You can get points as long as your solution is reasonable and well-founded.

Problem 3: find the best compaction policy considering range filters (3pts)

Similar to bloom filters, there are also range filters. They can determine whether keys exist within a specified range in a sorted run. It allows range scans to skip sorted runs without relevant keys, optimizing query performance. We assume that we have a perfect range filter which does not produce false positives. Using this range filter, we can calculate the read cost based on the expected number of sorted runs that need to read. We also assume that the length $m$ of range scan is always the same.

Let the total size of LSM-tree be $S$ . Suppose there is a sorted run of size $T$ in the LSM-tree. Assuming that all the keys in the LSM-tree are unique and uniformly distributed, for a range scan of length $m$ , the probability that a key from the sorted run will be in the result of the range scan is $1 - \prod_{i=0}^{m-1}\frac{S-T-i}{S-i}$ . You can consider for the first key in the result of the range scan, the probability that the key is not in the sorted run is $\frac{S-T}{S}$ , and for the second key it is $\frac{S-T-1}{S-1}$ , and so on. This probability is approximately $\approx 1-(1-\frac{T}{S})^m\approx 1-e^{-mT/S}$ . Then the read cost can be calculated by $r(\vec k)=(\sum_{T} 1-e^{-mT/S})(block\ size)$ . The write cost is the same as problem 2.

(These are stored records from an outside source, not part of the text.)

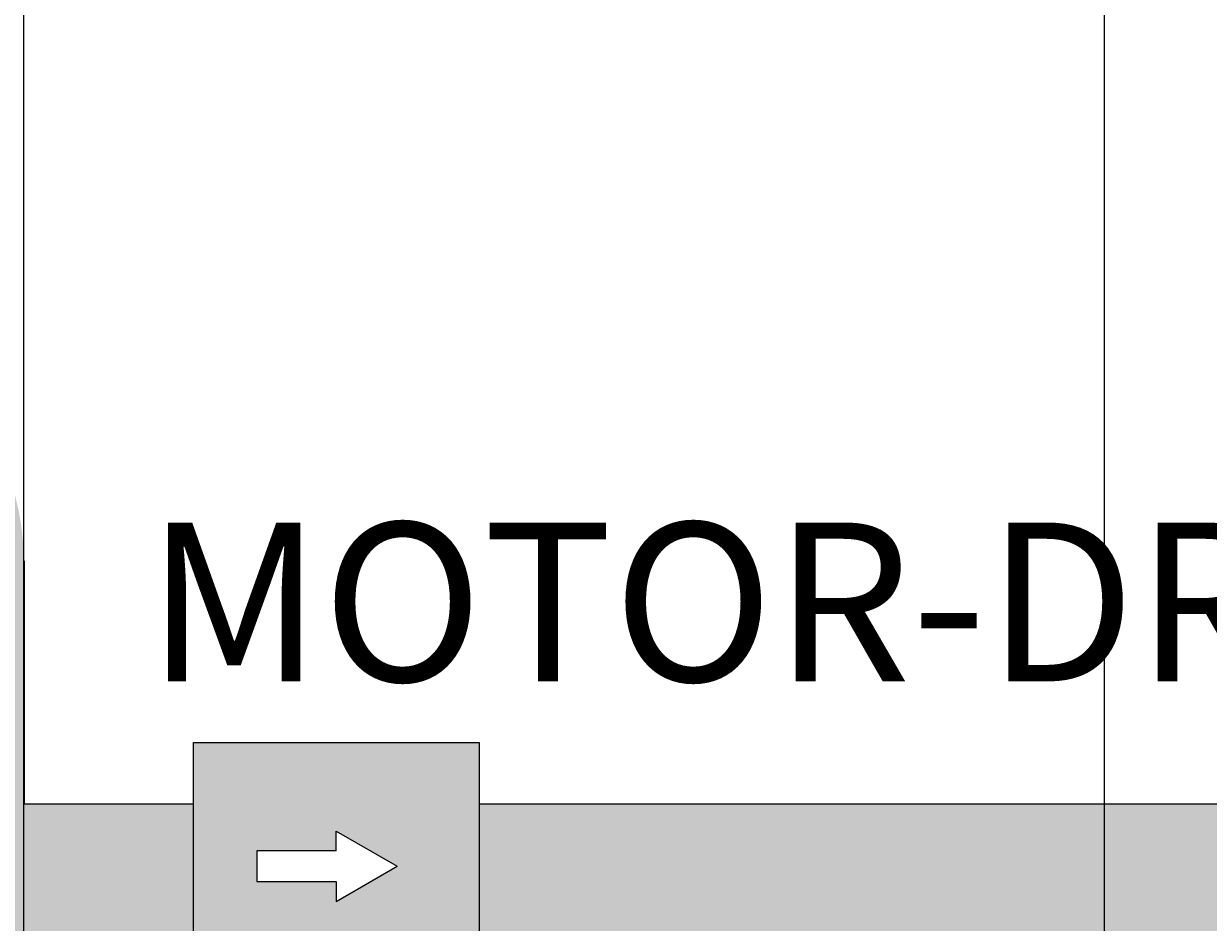
# Model space of a CAD drawing. Units: millimetres. Extents: x -11 to 280, y -4 to 208.
# Tile 41 of 55: x 91 to 121, y 106 to 128. Entities that reach past the tile are written whole.
import ezdxf

# ---------------------------------------------------------------- set-up
doc = ezdxf.new("R2010")
doc.units = ezdxf.units.MM
for name, color, linetype, lineweight in [('M-ANNO-TEXT', 7, 'Continuous', 18), ('M-DIMS', 2, 'Continuous', 18), ('M-HYDR-EQPM', 7, 'Continuous', 35), ('M-HYDR-PRES', 7, 'Continuous', 25), ('M-HYDR-SUCT', 7, 'Continuous', 25), ('M-HYDR-SYMB', 7, 'Continuous', 18), ('M-HYDR-VALV', 7, 'Continuous', 25)]:
    doc.layers.add(name, color=color, linetype=linetype, lineweight=lineweight)
doc.layers.add('M-HYDR-PRES-PATT', color=240, linetype='Continuous', lineweight=13, true_color=0xed1f24)
doc.layers.add('M-HYDR-SUCT-PATT', color=221, linetype='Continuous', lineweight=13, true_color=0xff7fdf)
doc.styles.get("Standard").update_dxf_attribs({"font": 'arial.ttf'})
doc.dimstyles.get("Standard").update_dxf_attribs({"dimtxt": 0.18, "dimasz": 0.18, "dimexe": 0.18, "dimexo": 0.0625, "dimgap": 0.09, "dimtad": 0, "dimtih": 1, "dimtoh": 1, "dimdec": 4, "dimzin": 0, "dimdsep": 46, "dimtxsty": 'Standard', "dimcen": 0.09, "dimadec": 0, "dimazin": 0, "dimtfac": 1, "dimtdec": 4, "dimtofl": 0, "dimtmove": 0, "dimatfit": 3, "dimfxl": 1, "dimtolj": 1, "dimtzin": 0, "dimarcsym": 0})

# ---------------------------------------------------------------- blocks, each defined once
blk = doc.blocks.new('HYDR-FLOW-ARROW')
for p, q in [((2, 1.272), (2, 1.772)), ((2, 1.772), (3.535, 0.886)), ((2, 1.272), (0, 1.272)), ((0, 1.272), (0, 0.5)), ((2, 0), (3.535, 0.886)), ((0, 0.5), (2, 0.5)), ((2, 0.5), (2, 0))]:
    blk.add_line(p, q)
blk = doc.blocks.new('*D5')
at = {"layer": 'Defpoints', "color": 0, "transparency": 16777216}
for p in [(24.759, 192.645), (-10.087, 11.435), (261.686, 11.435)]:
    blk.add_point(p, dxfattribs=at)
at = {"layer": 'M-DIMS', "color": 0, "lineweight": -2, "transparency": 16777216}
for p, q in [((24.696, 192.645), (-10.267, 192.645)), ((-10.087, 192.465), (-10.087, 102.222)), ((-10.087, 11.615), (-10.087, 101.858)), ((261.624, 11.435), (-10.267, 11.435))]:
    blk.add_line(p, q, dxfattribs=at)
at = {"layer": 'M-DIMS', "color": 0, "transparency": 16777216}
for points in [[(-10.117, 192.465), (-10.057, 192.465), (-10.087, 192.645)], [(-10.117, 11.615), (-10.057, 11.615), (-10.087, 11.435)]]:
    blk.add_solid(points, dxfattribs=at)
at = {"layer": 'M-DIMS', "color": 0, "transparency": 16777216, "insert": (-10.087, 102.04), "char_height": 0.18, "attachment_point": 5}
blk.add_mtext('\\A1;181.2', dxfattribs=at)
blk = doc.blocks.new('*D11')
at = {"layer": 'Defpoints', "color": 0, "transparency": 16777216}
for p in [(118.514, 207.495), (91.3, 98.149), (118.514, 96.485)]:
    blk.add_point(p, dxfattribs=at)
at = {"layer": 'M-DIMS', "color": 0, "lineweight": -2, "transparency": 16777216}
for p, q in [((91.3, 98.212), (91.3, 207.675)), ((118.514, 96.547), (118.514, 207.675)), ((91.48, 207.495), (104.442, 207.495)), ((118.334, 207.495), (105.372, 207.495))]:
    blk.add_line(p, q, dxfattribs=at)
at = {"layer": 'M-DIMS', "color": 0, "transparency": 16777216}
for points in [[(91.48, 207.525), (91.48, 207.465), (91.3, 207.495)], [(118.334, 207.525), (118.334, 207.465), (118.514, 207.495)]]:
    blk.add_solid(points, dxfattribs=at)
at = {"layer": 'M-DIMS', "color": 0, "transparency": 16777216, "insert": (104.907, 207.495), "char_height": 0.18, "attachment_point": 5}
blk.add_mtext('\\A1;27.214', dxfattribs=at)
blk = doc.blocks.new('*D12')
at = {"layer": 'Defpoints', "color": 0, "transparency": 16777216}
for p in [(173.804, 207.495), (118.514, 96.485), (173.804, 89.387)]:
    blk.add_point(p, dxfattribs=at)
at = {"layer": 'M-DIMS', "color": 0, "lineweight": -2, "transparency": 16777216}
for p, q in [((118.514, 96.547), (118.514, 207.675)), ((173.804, 89.45), (173.804, 207.675)), ((118.694, 207.495), (145.765, 207.495)), ((173.624, 207.495), (146.553, 207.495))]:
    blk.add_line(p, q, dxfattribs=at)
at = {"layer": 'M-DIMS', "color": 0, "transparency": 16777216}
for points in [[(118.694, 207.525), (118.694, 207.465), (118.514, 207.495)], [(173.624, 207.525), (173.624, 207.465), (173.804, 207.495)]]:
    blk.add_solid(points, dxfattribs=at)
at = {"layer": 'M-DIMS', "color": 0, "transparency": 16777216, "insert": (146.159, 207.495), "char_height": 0.18, "attachment_point": 5}
blk.add_mtext('\\A1;55.29', dxfattribs=at)

msp = doc.modelspace()

# ---------------------------------------------------------------- hatches: boundary and pattern name
at = {"layer": 'M-HYDR-PRES-PATT'}
h = msp.add_hatch(color=256, dxfattribs=at)
h.set_gradient(color1=(237, 31, 36), color2=(237, 31, 36), tint=1)
h.paths.add_polyline_path([(232.2, 133.1228), (228.7, 133.1228), (228.7, 108.8141), (102.7646, 108.8141), (102.7646, 105.3141), (232.2, 105.3141)])
h.paths.add_polyline_path([(128.8433, 105.3141), (125.3433, 105.3141), (125.3433, 91.7099, 1), (128.8433, 91.7099)])
h.paths.add_polyline_path([(229.1617, 78.7098), (196.7745, 78.7098, -0.4142136), (191.7745, 83.7098), (191.7745, 105.3141), (188.2745, 105.3141), (188.2745, 80.2098, 0.4142136), (193.2745, 75.2098), (225.6617, 75.2098), (225.6617, 43.5991), (229.1617, 43.5991)])
h.paths.add_polyline_path([(102.7646, 110.3704), (95.5776, 110.3704), (95.5776, 103.9022), (102.7646, 103.9022)])
h.paths.add_polyline_path([(100.7059, 107.2502), (99.1711, 106.3641), (99.1711, 106.8641), (97.1711, 106.8641), (97.1711, 107.6363), (99.1711, 107.6363), (99.1711, 108.1363)], flags=16)
h.paths.add_polyline_path([(234.6119, 138.4081), (226.5106, 138.4081), (226.5106, 133.1228), (234.6119, 133.1228)])
h.paths.add_polyline_path([(231.1963, 135.7055), (230.2965, 134.1786), (229.4241, 135.7213), (229.9241, 135.7168), (229.9418, 137.7167), (230.7141, 137.7099), (230.6963, 135.71)], flags=16)
at = {"layer": 'M-HYDR-SUCT-PATT'}
h = msp.add_hatch(color=256, dxfattribs=at)
h.set_gradient(color1=(255, 127, 223), color2=(255, 127, 223), tint=1, name='INVCYLINDER')
h.paths.add_polyline_path([(91.3629, 155.4768), (91.3629, 132.4768), (58.3629, 132.4768), (58.3629, 153.9768), (54.8629, 153.9768), (54.8629, 128.9768), (94.8629, 128.9768), (94.8629, 151.9768), (205.5315, 151.9768), (205.5315, 155.4768)])
h.paths.add_polyline_path([(91.3, 114.9452, 1), (78.8273, 114.9452), (78.8273, 108.8141), (42.6453, 108.8141), (42.6453, 153.9768), (39.1453, 153.9768), (39.1453, 105.3141), (78.8273, 105.3141), (78.8273, 98.1491, 1), (91.3, 98.1491), (91.3, 105.3141), (95.5776, 105.3141), (95.5776, 108.8141), (91.3, 108.8141)])
h.paths.add_polyline_path([(228.7, 138.4081), (232.2, 138.4081), (232.2, 144.6609), (228.7, 144.6609)])
h.paths.add_polyline_path([(253.1005, 151.9768, 1), (253.1005, 155.4768), (252.6001, 155.4768), (253.5249, 153.991, -0.1401047), (253.6005, 153.7268, -0.7542249), (252.676, 153.4626), (251.4221, 155.4768), (236.9353, 155.4768), (236.9353, 151.9768)])
h.paths.add_polyline_path([(30.8182, 40.7626), (30.8182, 36.7626), (60.8182, 36.7626), (60.8182, 40.7626)])

# ---------------------------------------------------------------- linework, layer by layer
at = {"layer": 'M-HYDR-EQPM'}
msp.add_lwpolyline([(91.3, 114.9452), (91.3, 108.8141)], dxfattribs=at)
at = {"layer": 'M-HYDR-PRES'}
msp.add_lwpolyline([(228.7, 133.1228), (228.7, 108.8141), (102.7646, 108.8141)], dxfattribs=at)
at = {"layer": 'M-HYDR-SUCT'}
msp.add_lwpolyline([(95.5776, 108.8141), (91.3, 108.8141)], dxfattribs=at)
at = {"layer": 'M-HYDR-VALV'}
msp.add_lwpolyline([(95.5776, 110.3704), (102.7646, 110.3704), (102.7646, 103.9022), (95.5776, 103.9022)], close=True, dxfattribs=at)

# ---------------------------------------------------------------- block references
at = {"layer": 'M-HYDR-SYMB'}
msp.add_blockref('HYDR-FLOW-ARROW', (97.171, 106.364), dxfattribs=at)

# ---------------------------------------------------------------- texts
at = {"layer": 'M-ANNO-TEXT', "insert": (94.3856, 115.9056), "char_height": 4, "attachment_point": 1}
msp.add_mtext_dynamic_manual_height_columns('MOTOR-DRIVEN PUMP', width=63.617875, gutter_width=12.5, heights=[0], dxfattribs=at)

# ---------------------------------------------------------------- dimensions: what is measured, and where the dimension line sits
at = {"layer": 'M-DIMS'}
for base, p1, p2, override, picture, middle in [((118.5137, 207.495), (91.3, 98.1491), (118.5137, 96.4849), {"dimdec": 3, "dimlfac": 1, "dimrnd": 0, "dimzin": 0, "dimdsep": 46, "dimlunit": 2}, '*D11', (104.9068, 207.495)), ((173.8038, 207.495), (118.5137, 96.4849), (173.8038, 89.3873), {"dimdec": 2, "dimlfac": 1, "dimrnd": 0, "dimzin": 0, "dimdsep": 46, "dimlunit": 2}, '*D12', (146.1587, 207.495))]:
    dim = msp.add_linear_dim(base=base, p1=p1, p2=p2, dimstyle='Standard', override=override, dxfattribs=at)
    dim.commit()
    dim.dimension.update_dxf_attribs({"geometry": picture, "text_midpoint": middle})
dim = msp.add_linear_dim(base=(-10.0865, 11.4346), p1=(24.7588, 192.645), p2=(261.6863, 11.4346), angle=90, dimstyle='Standard', override={"dimdec": 1, "dimlfac": 1, "dimrnd": 0, "dimzin": 0, "dimdsep": 46, "dimlunit": 2}, dxfattribs=at)
dim.commit()
dim.dimension.update_dxf_attribs({"geometry": '*D5', "text_midpoint": (-10.0865, 102.0398)})

doc.saveas('drawing.dxf')

The code of estimation is in Part3Benchmark function.

Your task: given the size of the last level $N$ , the base level size $F$ , the workload parameter $alpha$ , and the range scan length $m$ , approximate the read cost and write cost, find $\vec k, C$ that minimize $f(\vec k, C) = w(\vec k, C) + \alpha r(\vec k)$ and satisfy $N = \prod_{i=1}^{L-1} k_i C F$ . You need to implement it in FluidCompactionPicker::Get.

We provide a basic benchmark that can be executed by test/test_lsm --gtest_filter=LSMTest.Part3Benchmark2. Your algorithm should outperform than the baseline. There is no need to submit to autolab due to the long execution time.

Please write a report detailing the algorithm you have designed and implemented. Additionally, include a comprehensive comparison with other compaction policies. Compare your algorithm with other compaction policies, including leveling, tiering, and lazy leveling in problem 1. Furthermore, adjust the alpha value in the benchmark, and determine the range of alpha where your algorithm performs the best.

The parameters in Part3Benchmark(alpha, N, scan_length) are: alpha value, N is the number of keys, scan_length is the length of range scan. scan_length is set to 100 by default. You can also pass different scan_length to this function. The read cost is calculated as follows:

read cost = 0
write cost = 0
for T in range(10):
  insert 10% of key-value pairs
  read cost += (number of sorted runs that need to be accessed) * (block size) * (number of inserted key pairs)
  write cost += (write cost of inserted key pairs)
read cost /= 10
write cost /= 10
total cost = (read cost) * alpha + (write cost)

You can get points as long as your solution is reasonable and well-founded.